I haven't done the rebuild yet. I'm supposed to take the truck to the mechanic tomorrow (Sat.) I was told that even if it was the timing gear the pan would need to be pulled and cleaned of the debris to keep the oil pump from clogging. 

The complete job (pulling engine, taking off and putting bolt ons back on, reinstalling the engine by the mechanic is $250.00. The mechanic works for Ford but has a side line business. Overhaul by a machine shop is $1400. I did price the rebuilds from Advance, Pep Boys, Autozone, and the internet. Prices are similar and I like the idea of keeping my original engine. 

What did you do to the motor after replacing the timing gears? How difficult and approximately how much time did it take. On a scale of 1-5 what is your mechanical ability so I can compare your time to what it would take me to check this out. 

Thanks in advance


----------



## comfortablynumb (Nov 18, 2003)

if you stripped a gear or snapped a cam or something, your gonna have metal shards in the pan.... so the engine needs taken out and torn down to the block, then refitted with some new parts.. 
sounds bad but there is a real upside... its a I6, so its not so big lke a 390 (like I have). My cousin has a few ford trucks and all but one have I6's, they yank strip and rebuild them in an afternoon... of course he is a diesel mechanic and has been doing that for years for kicks. Ive watched, doesnt look to hard once its OUT.

the upside is, once you recover from the shock of having to do it is, you can put new parts in there... a good improved cam, gears, gaskets ect... send the head out to be checked ttanked and shaved if needed.
you will get to inspect the pistons and sleves, the valves ect... while its stripped you can flush the oil ports and channels with diesel and get everything good and clean.
clean out that oil pan screen... maybe even put a new pump in. 147k you are about due for a new one anyhow.

so lets guess about.... 300 bucks or so you will have a good overhauled engine you dont have to second guess for another 147k....maybe longer.

I sweated and groaned over dismanteling my 390 till we got it half done... I found a cracked valve, a head leak, a few blocked up oil galleries... when its done, at least I can breathe easy for a few yrs knowing I SAW int inside and what was done.

you wil be better off than picking one guess and fixing that over and over again.


----------



## luckypabst (Oct 17, 2004)

The gear that is stripped is fiber, there will be NO metal shards in the engine. Anything that got past the pickup screen would have been taken out by the oil filter. Yes, dropping the pan is a good idea to clean out the mess, maybe clean up the screen too. 

147K is midlife for lots of these engines, like I said run a few tests before you commit to rebuilding. But for vacuum and compression you'll have to replace the gears first. Maybe check leakdown to get an idea of the condition of the heads and rings before you do anything. 

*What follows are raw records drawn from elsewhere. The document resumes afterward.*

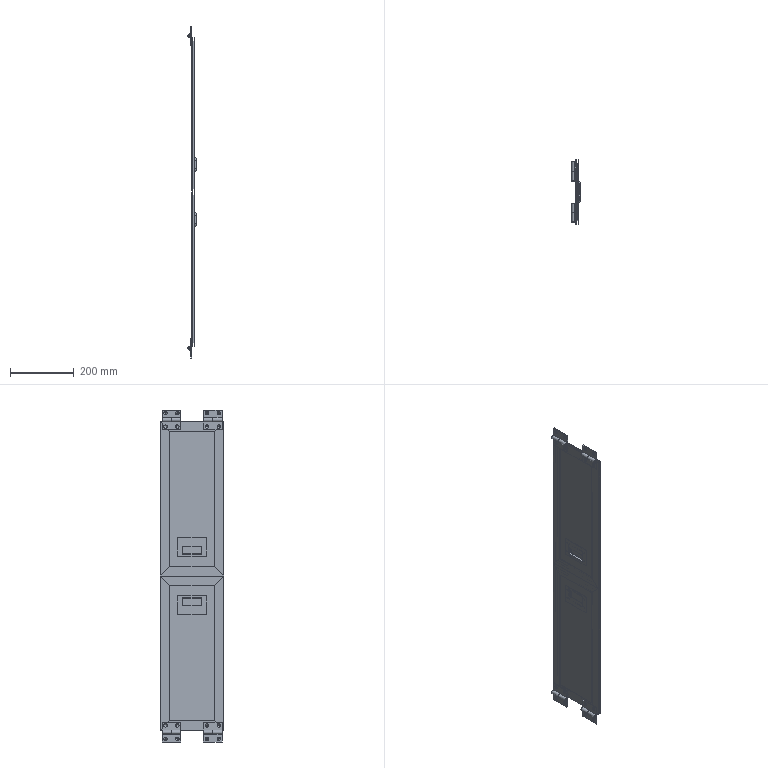Component | SolidWorks | 30-01A-1_AluminumAlloyDoorAcrylicPlate(UpperSmallDoor)-1 | 24 solids | 482 faces | volume 1107230 mm3 | plane 282 | cylinder 152 | cone 32 | torus 16 | commonest cylinder face diameters 5.5 x32 2 x32 10 x32 16 x16 4.5 x16 6 x8 12 x8 4 x8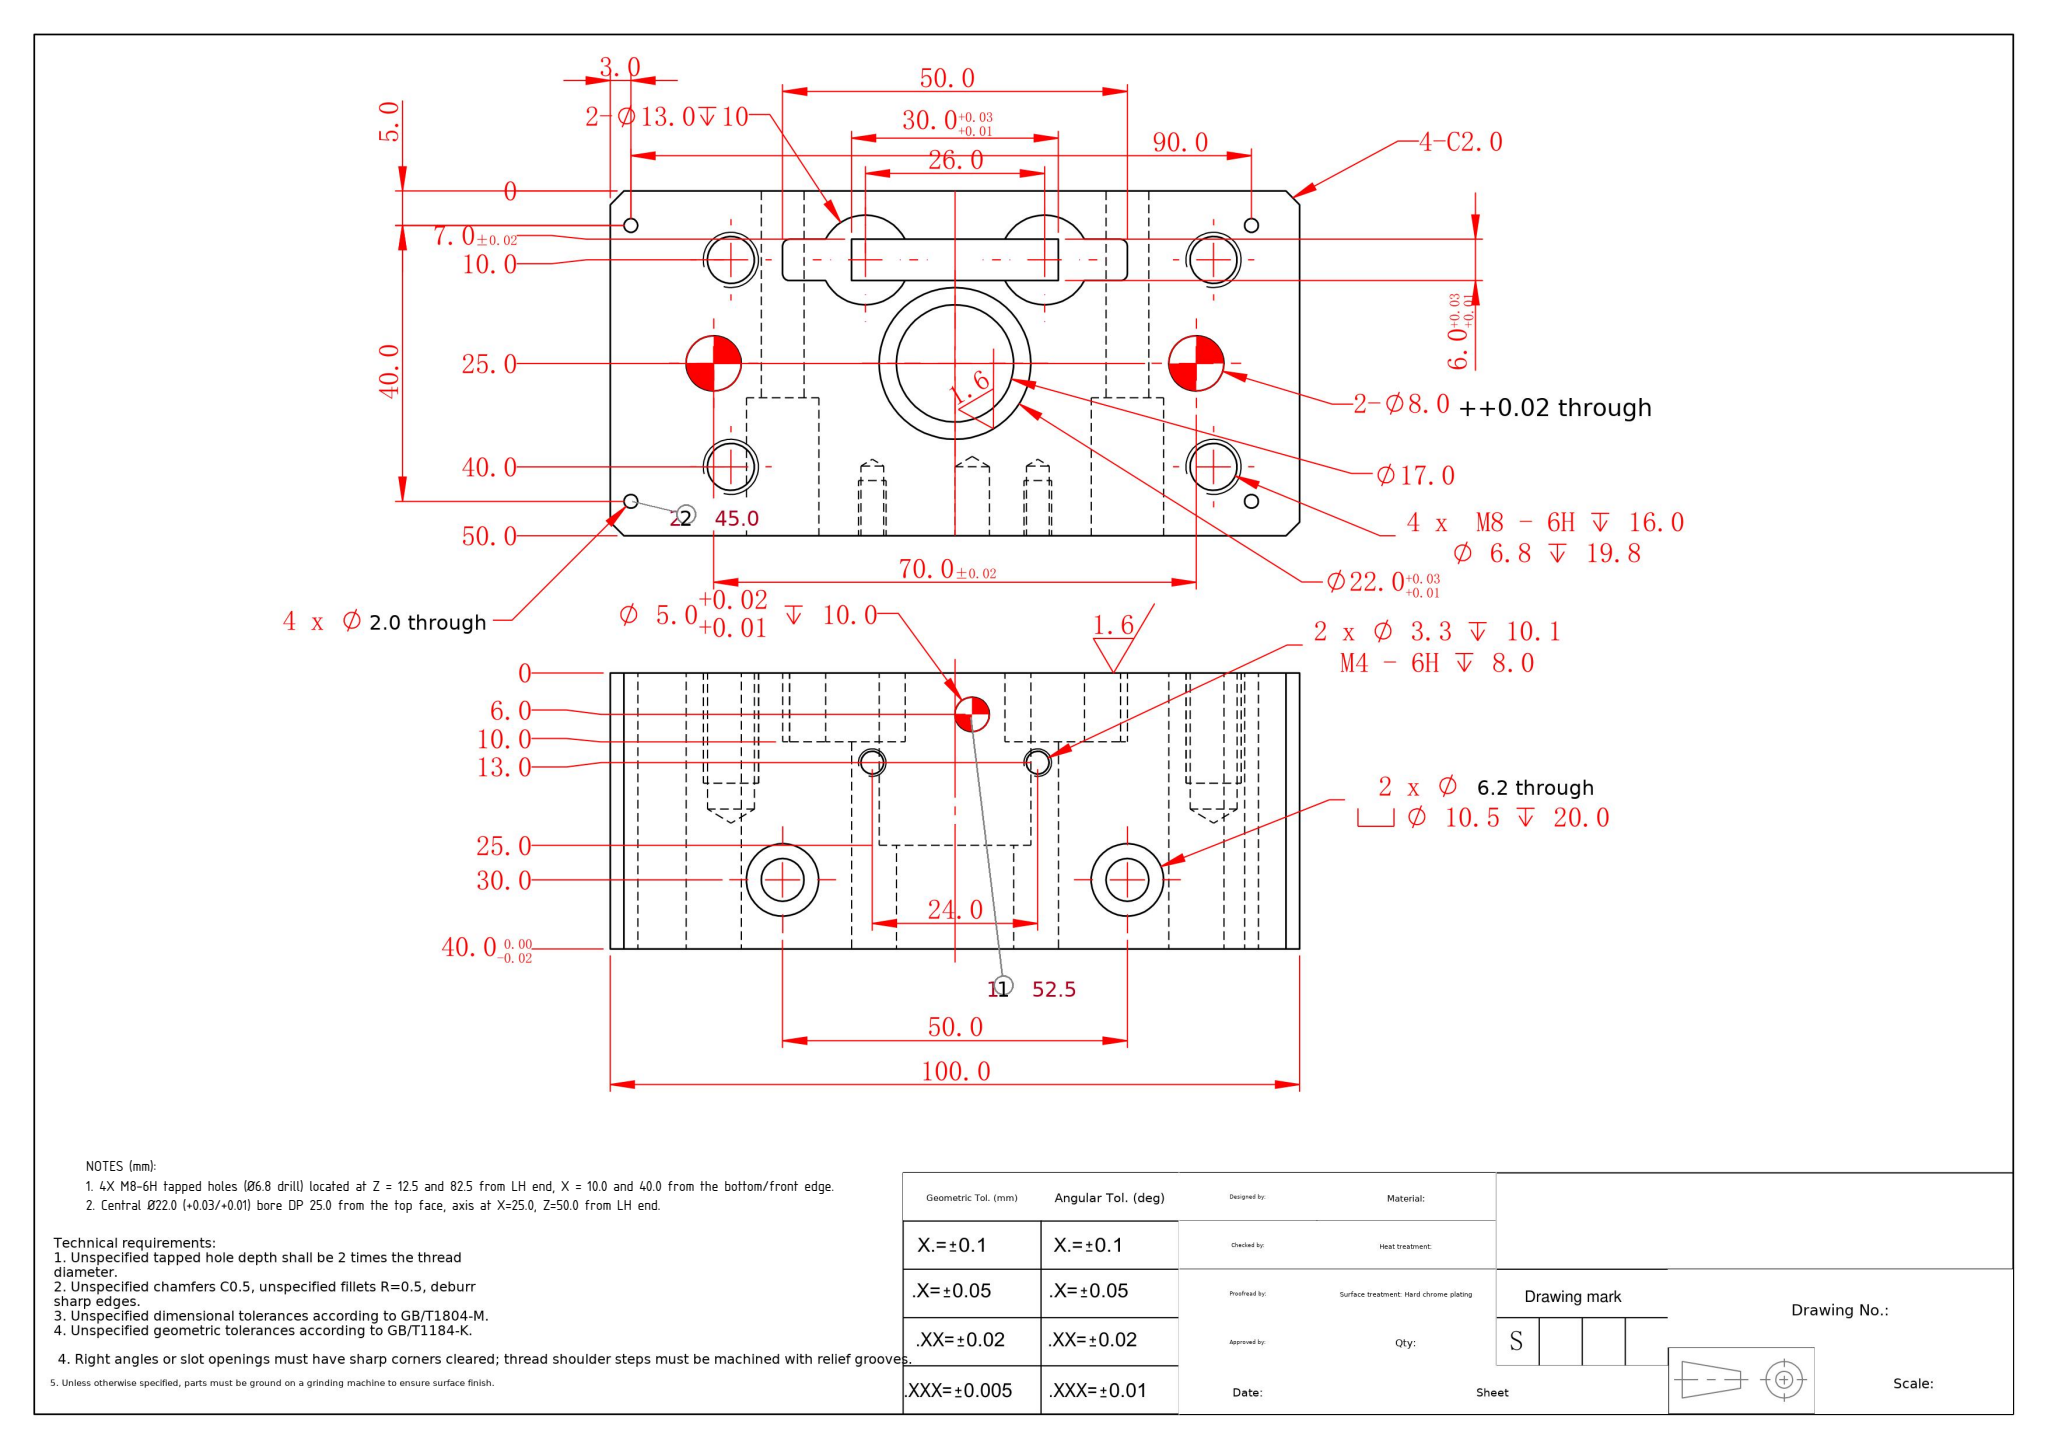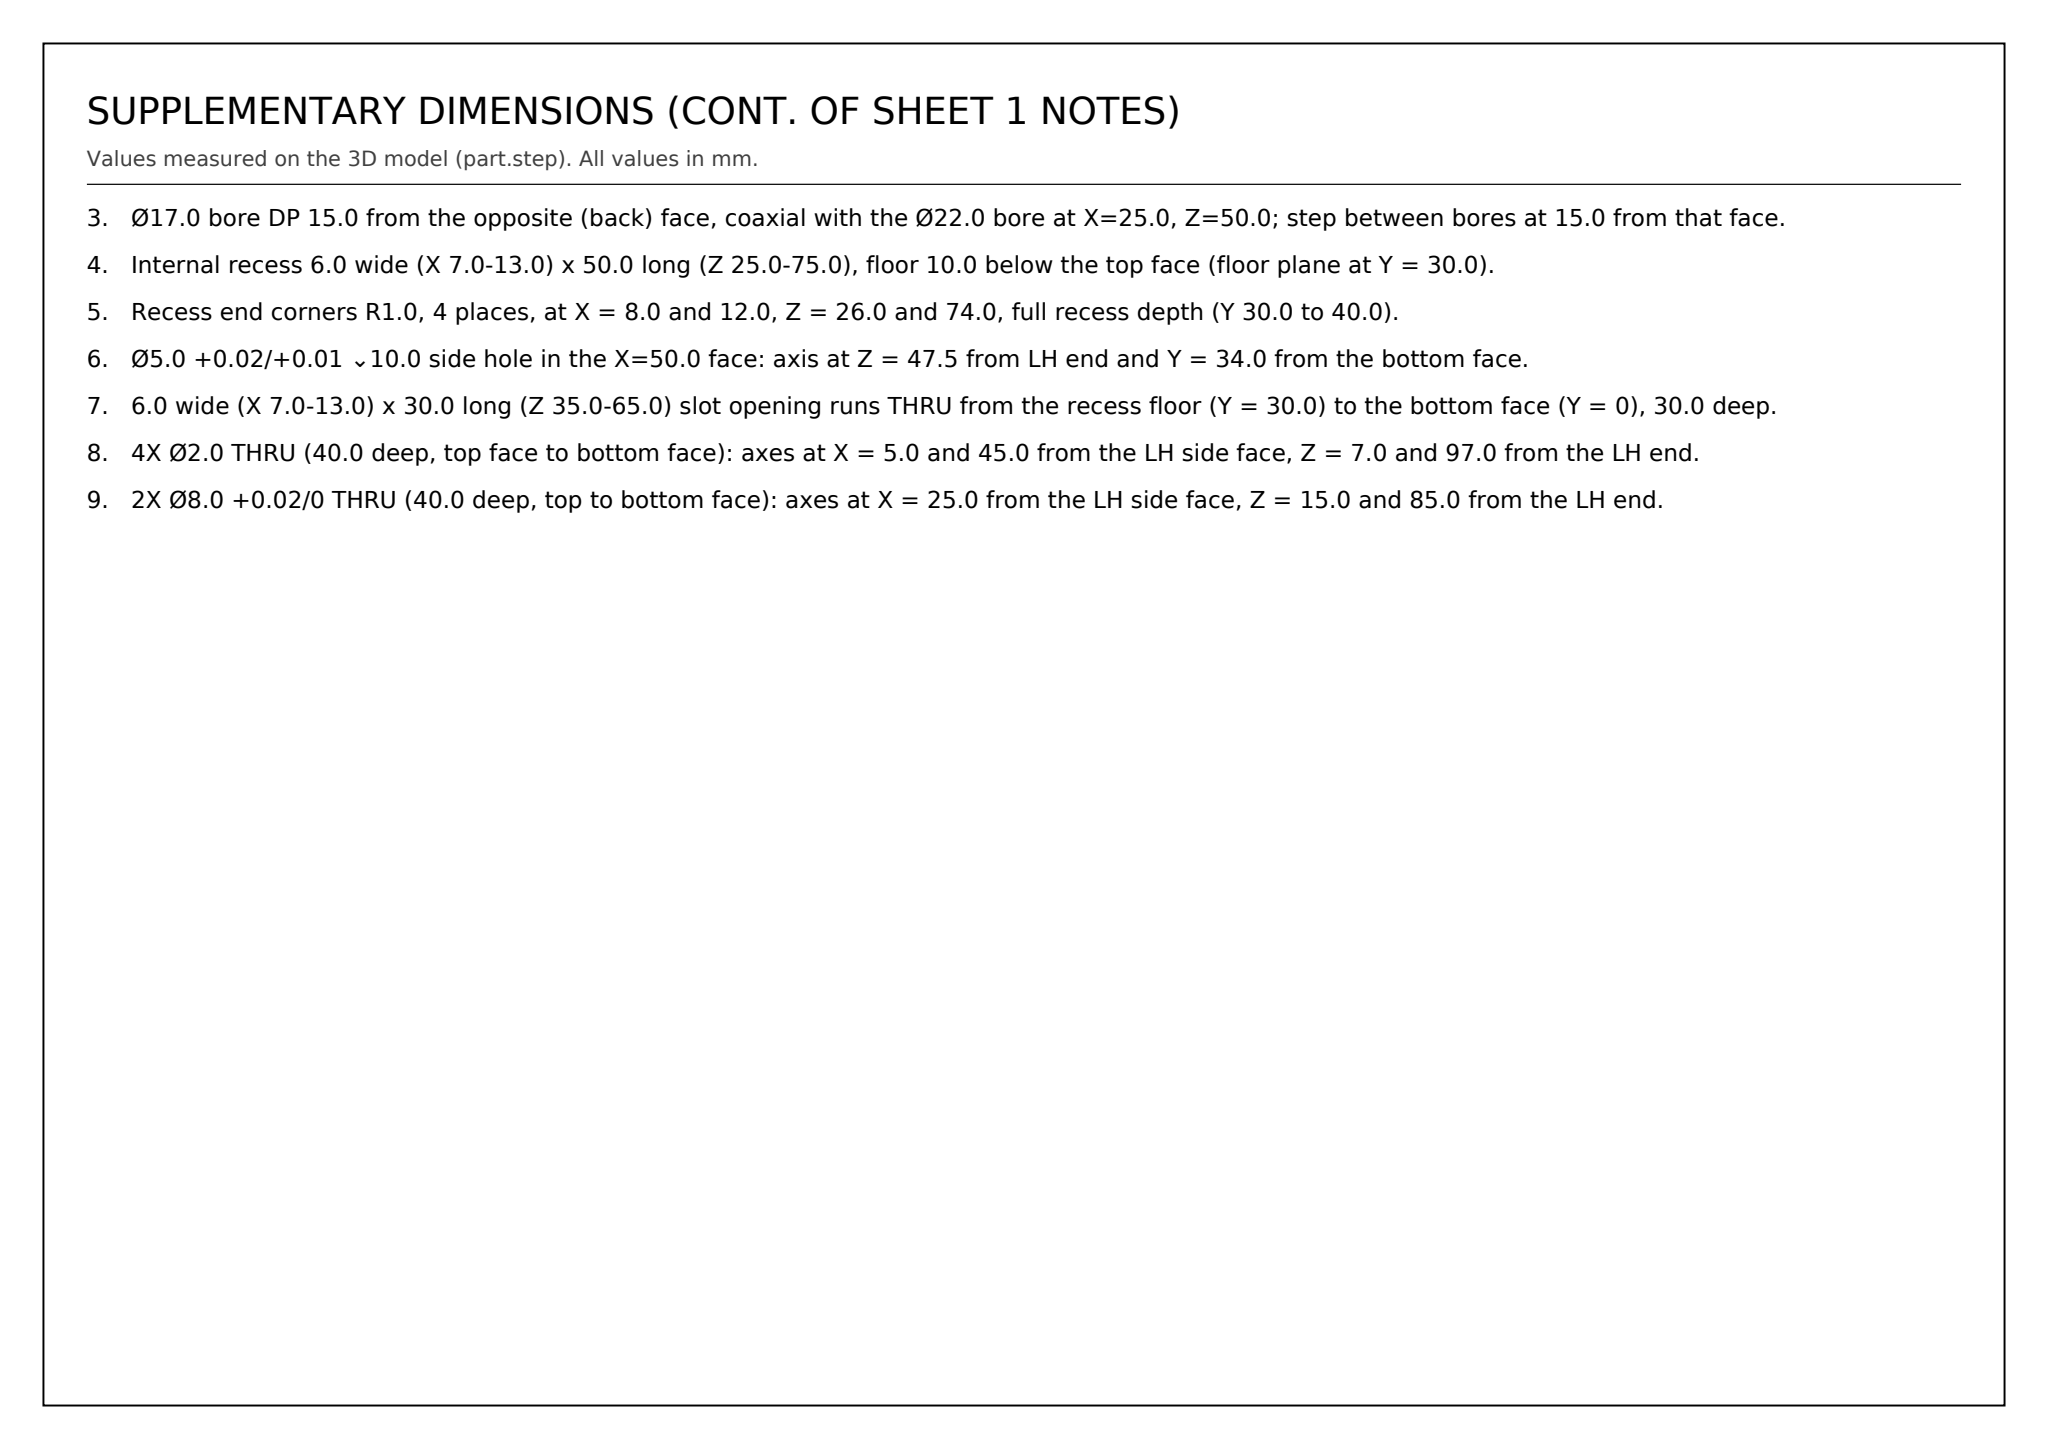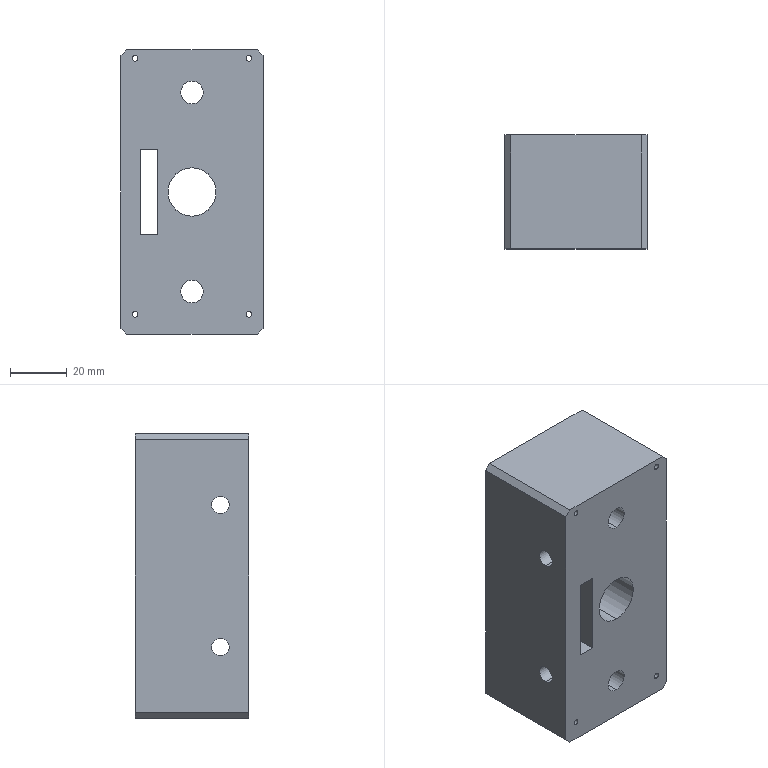Part | SolidWorks | mm | 1 solid | 85 faces | box 50 x 40 x 100 mm | volume 164077 mm3 | cylinder 46 | plane 25 | cone 14 | commonest cylinder face diameters 2 x12 6.8 x8 3.3 x4 10.5 x4 6.2 x4 8 x4 13 x4 5 x2
Drawing notes:
4X M8-6H tapped holes (Ø6.8 drill) located at Z = 12.5 and 82.5 from LH end, X = 10.0 and 40.0 from the bottom/front edge. | from the solid: cylinders: hole/bore dia 6.8, axis y, positions [10.0,null,12.5], [10.0,null,82.5], [40.0,null,12.5], [40.0,null,82.5]
Central Ø22.0 (+0.03/+0.01) bore DP 25.0 from the top face, axis at X=25.0, Z=50.0 from LH end. | from the solid: cylinders: hole/bore dia 22.0, axis y at [25.0,null,50.0], from 15.0 to 40.0 (40.0 = top face)
Ø17.0 bore DP 15.0 from the opposite (back) face, coaxial with the Ø22.0 bore at X=25.0, Z=50.0; step between bores at 15.0 from that face. | from the solid: cylinders: hole/bore dia 17.0, axis y at [25.0,null,50.0], from 0.0 to 15.0; axis_plane y=15.0 extent x[14,36] z[39,61]
Internal recess 6.0 wide (X 7.0-13.0) x 50.0 long (Z 25.0-75.0), floor 10.0 below the top face (floor plane at Y = 30.0). | from the solid: axis_planes: y=30.0 floor patches x[3.5,16.5] z[25,42.8] and z[57.2,75]; x=7.0 and x=13.0 walls y[30,40]; z=25.0 and z=75.0 end walls x[8,12] y[30,40]
Recess end corners R1.0, 4 places, at X = 8.0 and 12.0, Z = 26.0 and 74.0, full recess depth (Y 30.0 to 40.0). | from the solid: cylinders: 4x concave arc dia 2.0 (R1.0), axis y, at (x,z) = (8,26),(8,74),(12,26),(12,74), from y=30.0 to y=40.0, arc 90 deg
Ø5.0 +0.02/+0.01 ⌄10.0 side hole in the X=50.0 face: axis at Z = 47.5 from LH end and Y = 34.0 from the bottom face. | from the solid: cylinders: hole/bore dia 5.0, axis x, axis_pos [y 34.0, z 47.5], from 40.0 to 50.0
6.0 wide (X 7.0-13.0) x 30.0 long (Z 35.0-65.0) slot opening runs THRU from the recess floor (Y = 30.0) to the bottom face (Y = 0), 30.0 deep. | from the solid: axis_planes x=7.0 and x=13.0 extent y [0.0,40.0] z [35.0,65.0]; z=35.0 and z=65.0 planes extent x [7.0,13.0] y [0.0,30.0]
4X Ø2.0 THRU (40.0 deep, top face to bottom face): axes at X = 5.0 and 45.0 from the LH side face, Z = 7.0 and 97.0 from the LH end. | from the solid: cylinders: four hole/bore dia 2.0, axis y, axis_pos x 5.0/45.0, z 7.0/97.0, from 0.0 to 40.0
2X Ø8.0 +0.02/0 THRU (40.0 deep, top to bottom face): axes at X = 25.0 from the LH side face, Z = 15.0 and 85.0 from the LH end. | from the solid: cylinders: hole/bore dia 8.0, axis y, axis_pos x 25.0, z 15.0 and 85.0, from 0.0 to 40.0

Never seen a 300 dollar overhaul. Maybe a 300 dollar rebuild kit. Factor in grinding the crank, boring the cylinders, touching up the cam, full head job, resizing the rods and you're closer to 1200 bucks from the machine shop, before even beginning to cover labor. This is SoCal typical costs. Many other locales are somewhat cheaper but not by much for quality work. Parts store (Kragen, Pep Boys, etc) rebuilts are junk. Very high rate of warranty work, if you can get them to even honor their warranty. 

I have zero formal training in mechanics but it has been an obsession of mine for the last 12 years, since jr. high school. I don't want to boast but I'm highly confident in my abilities and I have done a lot of jobs on my personal fleet of junk that most general mechanics wouldn't take on. 

Cleaning the oil pan and swapping the timing gears would take me the better part of a day with many beer breaks. 250 to pull and replace the engine sounds rather fair, especially for an EFI motor. But the job could be done with the engine installed. Timing gears can be accessed with the grille and radiator removed - you'll need a harmonic balancer puller, a two jaw puller for the cam gear and a heavy duty steering wheel puller for the crank gear - all available through those parts store "loaner tool" programs. The oil pan can be removed from beneath the truck unless you have a big crossmember in the way, if so the pan may or may not come off. Use a late model one-piece oil pan gasket, not the 4 piece set used on pre-EFI trucks. Other than those three tools, the job can be done with basic hand tools. You'll also need a timing cover gasket set. I did this job with the engine on a stand so if you decide to tackle it yourself be certain you have room in front of the engine, even with the radiator/grille removed to fit the pullers you'll use! 

I would estimate the parts cost like this-
New gears - 80
oil pan gasket - 20
timing cover set - 25
rent-a-tools - 15-20

Chris


----------



## luckypabst (Oct 17, 2004)

Also forgot, installing the crank gear - you need to drive it on with a hammer and long piece of pipe. 

Installing the cam gear - you need some type of tool to pull it on. I used 7/16 - coarse all thread, threaded into the end of the cam. Put the gear in place, slide a heavy washer over the all thread, thread on a nut, hold the allthread with vise grips and tighten the nut down. It will pull the gear into place. Even better is if you have a small thrust bearing to use in place of the washer.

The balancer may or may not need a tool to install - mine didn't. Slide it on as far as it'll go by hand and it should go on the rest of the way easily with the balancer bolt pulling it on.


----------



## comfortablynumb (Nov 18, 2003)

> Factor in grinding the crank, boring the cylinders, touching up the cam, full head job, resizing the rods


oh no I was talking about just cleaning it all up and checking it, replacing the busted bits and maybe some worn stuff...

a fiber gear? freaky.... like I said I have a 390 thats been rebuilt a bunch of times and the inside if an I6 I have just been a spectator watching...
and my mechanic gets paid in beer&smokes so he is cheap and easy to please.
he has the machine shop where he works do the checking shaving tankin ect...
pays to have relitives who are greasemonkeys....

Still since ya do have it apart, a good cleaning of eveything you can get off never hurts.

I spun an oil pump shaft off from a tinly little shave that got lodged in the pump... never can be to cclean in there.
I also read up there its a 94.... mines a 65 so I admit, there is a lot of difference! lol


----------